I'm also assuming you have a 'store' table, with all the actual store ids defined. However, since you didn't list it, I created a CTE to manufacture one. You can (and probably should) swap it out in the resulting statement.
WITH Store (storeId) as (
SELECT DISTINCT cia#st
FROM Wbdcia00),
Price_Change (callGroup, occurredAt, productType, newPrice) as (
SELECT cie#en, ciedhc, 1, cie$or
FROM Wbdcie00
WHERE cie$or > 0
UNION ALL
SELECT cie#en, ciedhc, 4, cie$di
FROM Wbdcie00
WHERE cie$di > 0),
Confirmed_Changes (storeId, occurredAt, productType, newPrice) as (
SELECT WarehouseCall.cia#st, Change.occurredAt,
Change.productType, Change.newPrice
FROM Wbdcia00 as WarehouseCall
JOIN Wbdapp00 as Call
ON Call.danoid = WarehouseCall.cia#ap
AND Call.dastat IN (1, 4)
JOIN Price_Change as Change
ON Change.callGroup = da#env),
Latest_Change (storeId, productType, newPrice) as (
SELECT Actual.storeId, Actual.productType, Actual.newPrice
FROM Confirmed_Changes as Actual
EXCEPTION JOIN Confirmed_Changes as Remove
ON Remove.storeId = Actual.storeId
AND Remove.productType = Actual.productType
AND Remove.occurredAt > Actual.occurredAt)

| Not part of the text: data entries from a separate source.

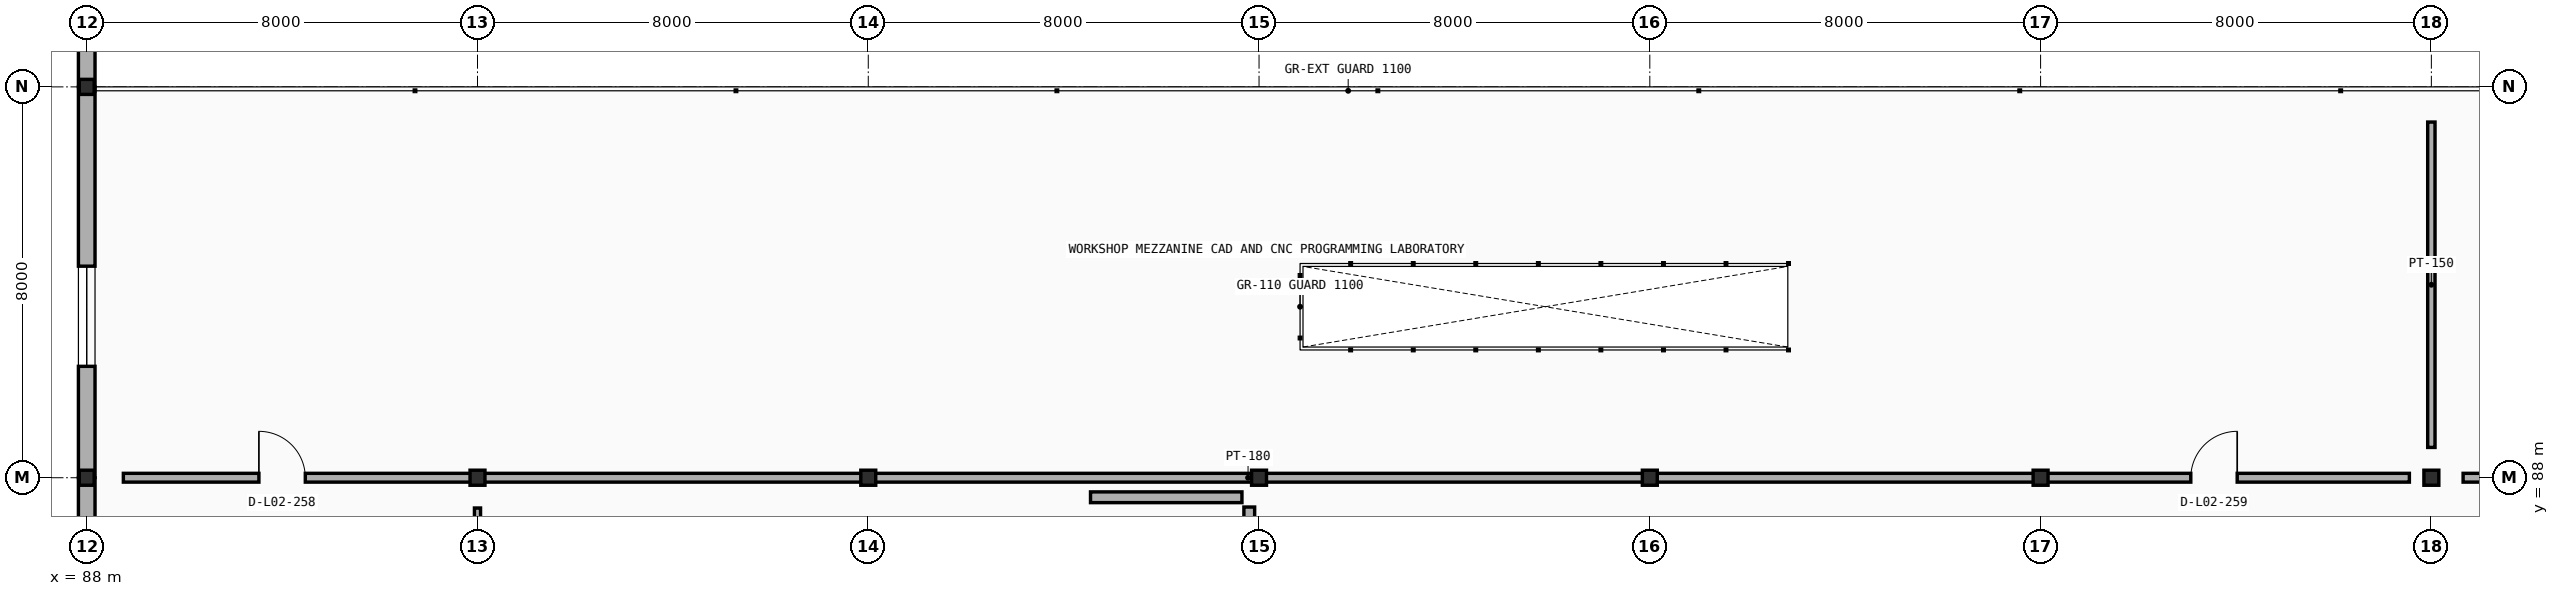
"""IFC4 building model, lengths in metres.
Left out: names, types, materials, properties, quantities, classifications, styles, units other than length and angle.
Written with IfcOpenShell. Run it as: python <this file> out.ifc"""

import sys

from ifc_helpers import new_model, si_unit, direction, frame, frame_2d, origin, origin_2d, place, context, subcontext, project, spatial, rectangle, i_section, extrude, element, fill, save


model = new_model("IFC4")
c1 = context("Model", 3, precision=1e-05, world=origin(), true_north=direction((0.0, 1.0)))
c2 = subcontext(c1, "Body", "Model", "MODEL_VIEW")
j1 = project(units=[si_unit("LENGTHUNIT", "METRE"), si_unit("PLANEANGLEUNIT", "RADIAN")], contexts=[c1])
p1 = place(None, origin())
s1 = spatial("IfcSite", under=j1, at=p1, CompositionType="ELEMENT")
p2 = place(p1, origin())
s2 = spatial("IfcBuilding", under=s1, at=p2, CompositionType="ELEMENT")
p3 = place(p2, frame((0.0, 0.0, 4.8)))
s3 = spatial("IfcBuildingStorey", under=s2, at=p3, CompositionType="ELEMENT", Elevation=4.8)
for number, where, z_axis, x_axis in (
    (1, (88.0, 88.0, 0.0), (0.0, 0.0, 1.0), (1.0, 0.0, 0.0)),
    (2, (96.0, 88.0, 0.0), (0.0, 0.0, 1.0), (1.0, 0.0, 0.0)),
    (3, (104.0, 88.0, 0.0), (0.0, 0.0, 1.0), (1.0, 0.0, 0.0)),
    (4, (112.0, 88.0, 0.0), (0.0, 0.0, 1.0), (1.0, 0.0, 0.0)),
    (5, (120.0, 88.0, 0.0), (0.0, 0.0, 1.0), (1.0, 0.0, 0.0)),
    (6, (128.0, 88.0, 0.0), (0.0, 0.0, 1.0), (1.0, 0.0, 0.0)),
    (7, (136.0, 88.0, 0.0), (0.0, 0.0, 1.0), (1.0, 0.0, 0.0)),
    (8, (88.0, 96.0, 0.0), (0.0, 0.0, 1.0), (1.0, 0.0, 0.0)),
):
    element("IfcColumn", number, at=place(p3, frame(where, z_axis=z_axis, x_axis=x_axis)), inside=s3, PredefinedType="COLUMN", context=c2, shape_type="SweptSolid", body=[
        extrude(i_section(OverallWidth=0.305, OverallDepth=0.308, WebThickness=0.01, FlangeThickness=0.015, FilletRadius=0.015, at=origin_2d()), origin(), (0.0, 0.0, 1.0), 5.15),
    ])
p4 = place(p3, frame((88.0, 80.004, 0.0), z_axis=(0.0, 0.0, 1.0), x_axis=(0.0, 1.0, 0.0)))
e9 = element("IfcWall", 9, at=p4, inside=s3, PredefinedType="STANDARD", context=c2, shape_type="SweptSolid", body=[
    extrude(rectangle(XDim=7.992, YDim=0.34, at=frame_2d((3.996, 0.0))), origin(), (0.0, 0.0, 1.0), 3.815),
])
p5 = place(p4, frame((2.276, 0.0, 1.2)))
e10 = element("IfcOpeningElement", 10, at=p5, cuts=e9, PredefinedType="OPENING", context=c2, shape_type="SweptSolid", body=[
    extrude(rectangle(XDim=2.05, YDim=2.0, at=frame_2d((1.025, 1.0))), frame((0.0, 0.18, 0.0), z_axis=(0.0, -1.0, 0.0), x_axis=(1.0, 0.0, 0.0)), (0.0, 0.0, 1.0), 0.36),
])
p6 = place(p3, frame((88.0, 88.004, 0.0), z_axis=(0.0, 0.0, 1.0), x_axis=(0.0, 1.0, 0.0)))
e11 = element("IfcWall", 11, at=p6, inside=s3, PredefinedType="STANDARD", context=c2, shape_type="SweptSolid", body=[
    extrude(rectangle(XDim=7.992, YDim=0.34, at=frame_2d((3.996, 0.0))), origin(), (0.0, 0.0, 1.0), 4.92),
])
p7 = place(p6, frame((2.276, 0.0, 1.2)))
e12 = element("IfcOpeningElement", 12, at=p7, cuts=e11, PredefinedType="OPENING", context=c2, shape_type="SweptSolid", body=[
    extrude(rectangle(XDim=2.05, YDim=2.0, at=frame_2d((1.025, 1.0))), frame((0.0, 0.18, 0.0), z_axis=(0.0, -1.0, 0.0), x_axis=(1.0, 0.0, 0.0)), (0.0, 0.0, 1.0), 0.36),
])
p8 = place(p3, frame((88.0, 96.004, 0.0), z_axis=(0.0, 0.0, 1.0), x_axis=(0.0, 1.0, 0.0)))
e13 = element("IfcWall", 13, at=p8, inside=s3, PredefinedType="STANDARD", context=c2, shape_type="SweptSolid", body=[
    extrude(rectangle(XDim=7.992, YDim=0.34, at=frame_2d((3.996, 0.0))), origin(), (0.0, 0.0, 1.0), 4.92),
])
p9 = place(p8, frame((2.276, 0.0, 1.2)))
e14 = element("IfcOpeningElement", 14, at=p9, cuts=e13, PredefinedType="OPENING", context=c2, shape_type="SweptSolid", body=[
    extrude(rectangle(XDim=2.05, YDim=2.0, at=frame_2d((1.025, 1.0))), frame((0.0, 0.18, 0.0), z_axis=(0.0, -1.0, 0.0), x_axis=(1.0, 0.0, 0.0)), (0.0, 0.0, 1.0), 0.36),
])
p10 = place(p3, frame((87.78, 87.9, 0.0), z_axis=(0.0, 0.0, 1.0), x_axis=(-1.0, 0.0, 0.0)))
e15 = element("IfcWall", 15, at=p10, inside=s3, PredefinedType="PARAPET", context=c2, shape_type="SweptSolid", body=[
    extrude(rectangle(XDim=39.56, YDim=0.2, at=frame_2d((19.78, 0.0))), origin(), (0.0, 0.0, 1.0), 1.15),
])
p11 = place(p3, frame((108.55, 87.6, 0.0), z_axis=(0.0, 0.0, 1.0), x_axis=(1.0, 0.0, 0.0)))
e16 = element("IfcWall", 16, at=p11, inside=s3, PredefinedType="PARTITIONING", context=c2, shape_type="SweptSolid", body=[
    extrude(rectangle(XDim=3.1, YDim=0.22, at=frame_2d((1.55, 0.0))), origin(), (0.0, 0.0, 1.0), 3.887),
])
p12 = place(p3, frame((111.8, 81.2, 0.0), z_axis=(0.0, 0.0, 1.0), x_axis=(0.0, 1.0, 0.0)))
e17 = element("IfcWall", 17, at=p12, inside=s3, PredefinedType="PARTITIONING", context=c2, shape_type="SweptSolid", body=[
    extrude(rectangle(XDim=6.2, YDim=0.22, at=frame_2d((3.1, 0.0))), origin(), (0.0, 0.0, 1.0), 3.815),
])
p13 = place(p12, frame((3.8, 0.0, 0.0)))
e18 = element("IfcOpeningElement", 18, at=p13, cuts=e17, PredefinedType="OPENING", context=c2, shape_type="SweptSolid", body=[
    extrude(rectangle(XDim=1.5, YDim=2.2, at=frame_2d((0.75, 1.1))), frame((0.0, 0.12, 0.0), z_axis=(0.0, -1.0, 0.0), x_axis=(1.0, 0.0, 0.0)), (0.0, 0.0, 1.0), 0.24),
])
p14 = place(p3, frame((88.75, 88.0, 0.0), z_axis=(0.0, 0.0, 1.0), x_axis=(1.0, 0.0, 0.0)))
e19 = element("IfcWall", 19, at=p14, inside=s3, PredefinedType="PARTITIONING", context=c2, shape_type="SweptSolid", body=[
    extrude(rectangle(XDim=46.8, YDim=0.18, at=frame_2d((23.4, 0.0))), origin(), (0.0, 0.0, 1.0), 2.175),
])
p15 = place(p14, frame((2.775, 0.0, 0.0)))
e20 = element("IfcOpeningElement", 20, at=p15, cuts=e19, PredefinedType="OPENING", context=c2, shape_type="SweptSolid", body=[
    extrude(rectangle(XDim=0.95, YDim=2.1, at=frame_2d((0.475, 1.05))), frame((0.0, 0.1, 0.0), z_axis=(0.0, -1.0, 0.0), x_axis=(1.0, 0.0, 0.0)), (0.0, 0.0, 1.0), 0.2),
])
p16 = place(p14, frame((42.325, 0.0, 0.0)))
e21 = element("IfcOpeningElement", 21, at=p16, cuts=e19, PredefinedType="OPENING", context=c2, shape_type="SweptSolid", body=[
    extrude(rectangle(XDim=0.95, YDim=2.1, at=frame_2d((0.475, 1.05))), frame((0.0, 0.1, 0.0), z_axis=(0.0, -1.0, 0.0), x_axis=(1.0, 0.0, 0.0)), (0.0, 0.0, 1.0), 0.2),
])
p17 = place(p3, frame((136.0, 88.62, 0.0), z_axis=(0.0, 0.0, 1.0), x_axis=(0.0, 1.0, 0.0)))
e22 = element("IfcWall", 22, at=p17, inside=s3, PredefinedType="PARTITIONING", context=c2, shape_type="SweptSolid", body=[
    extrude(rectangle(XDim=6.66, YDim=0.15, at=frame_2d((3.33, 0.0))), origin(), (0.0, 0.0, 1.0), 3.9),
])
p18 = place(p3, frame((136.65, 88.0, 0.0), z_axis=(0.0, 0.0, 1.0), x_axis=(1.0, 0.0, 0.0)))
e23 = element("IfcWall", 23, at=p18, inside=s3, PredefinedType="PARTITIONING", context=c2, shape_type="SweptSolid", body=[
    extrude(rectangle(XDim=46.9, YDim=0.18, at=frame_2d((23.45, 0.0))), origin(), (0.0, 0.0, 1.0), 3.887),
])
p19 = place(p18, frame((2.71, 0.0, 0.0)))
e24 = element("IfcOpeningElement", 24, at=p19, cuts=e23, PredefinedType="OPENING", context=c2, shape_type="SweptSolid", body=[
    extrude(rectangle(XDim=1.28, YDim=2.2, at=frame_2d((0.64, 1.1))), frame((0.0, 0.1, 0.0), z_axis=(0.0, -1.0, 0.0), x_axis=(1.0, 0.0, 0.0)), (0.0, 0.0, 1.0), 0.2),
])
p20 = place(p18, frame((42.26, 0.0, 0.0)))
e25 = element("IfcOpeningElement", 25, at=p20, cuts=e23, PredefinedType="OPENING", context=c2, shape_type="SweptSolid", body=[
    extrude(rectangle(XDim=1.28, YDim=2.2, at=frame_2d((0.64, 1.1))), frame((0.0, 0.1, 0.0), z_axis=(0.0, -1.0, 0.0), x_axis=(1.0, 0.0, 0.0)), (0.0, 0.0, 1.0), 0.2),
])
p21 = place(p3, frame((96.0, 80.62, 0.0), z_axis=(0.0, 0.0, 1.0), x_axis=(0.0, 1.0, 0.0)))
e26 = element("IfcWall", 26, at=p21, inside=s3, PredefinedType="PARTITIONING", context=c2, shape_type="SweptSolid", body=[
    extrude(rectangle(XDim=6.76, YDim=0.125, at=frame_2d((3.38, 0.0))), origin(), (0.0, 0.0, 1.0), 3.815),
])
p22 = place(p7, origin())
e27 = element("IfcWindow", 27, at=p22, inside=s3, PartitioningType="DOUBLE_PANEL_VERTICAL", PredefinedType="WINDOW", context=c2, shape_type="SweptSolid", body=[
    extrude(rectangle(XDim=2.05, YDim=2.0, at=frame_2d((1.025, 1.0))), frame((0.0, 0.03, 0.0), z_axis=(0.0, -1.0, 0.0), x_axis=(1.0, 0.0, 0.0)), (0.0, 0.0, 1.0), 0.06),
])
fill(e12, e27)
p23 = place(p15, origin())
e28 = element("IfcDoor", 28, at=p23, inside=s3, OperationType="SINGLE_SWING_LEFT", PredefinedType="DOOR", context=c2, shape_type="SweptSolid", body=[
    extrude(rectangle(XDim=0.95, YDim=2.1, at=frame_2d((0.475, 1.05))), frame((0.0, 0.025, 0.0), z_axis=(0.0, -1.0, 0.0), x_axis=(1.0, 0.0, 0.0)), (0.0, 0.0, 1.0), 0.05),
])
fill(e20, e28)
p24 = place(p16, origin())
e29 = element("IfcDoor", 29, at=p24, inside=s3, OperationType="SINGLE_SWING_RIGHT", PredefinedType="DOOR", context=c2, shape_type="SweptSolid", body=[
    extrude(rectangle(XDim=0.95, YDim=2.1, at=frame_2d((0.475, 1.05))), frame((0.0, 0.025, 0.0), z_axis=(0.0, -1.0, 0.0), x_axis=(1.0, 0.0, 0.0)), (0.0, 0.0, 1.0), 0.05),
])
fill(e21, e29)
save(model, sys.argv[1])

SELECT store.storeId, COALESCE(Regular.newPrice, 0) as regularPrice,
COALESCE(Diesel.newPrice, 0) as dieselPrice
FROM Store
LEFT JOIN Latest_Change as Regular
ON Regular.storeId = Store.storeId
AND Regular.productType = 1
LEFT JOIN Latest_Change as Diesel
ON Diesel.storeId = Store.storeId
AND Diesel.productType = 4
Some things to note -
I figured you weren't actually giving a product a price of 0. This means that you're not looking for the individual call that went out, with both prices listed - you're going for the last change that happened, for each product. Which is why I pivoted/unpivoted that table like I did.
Needless to say, this statement reports the last entered change that was 'confirmed'. This is not the last confirmation of a change (indicated by dadthr), however.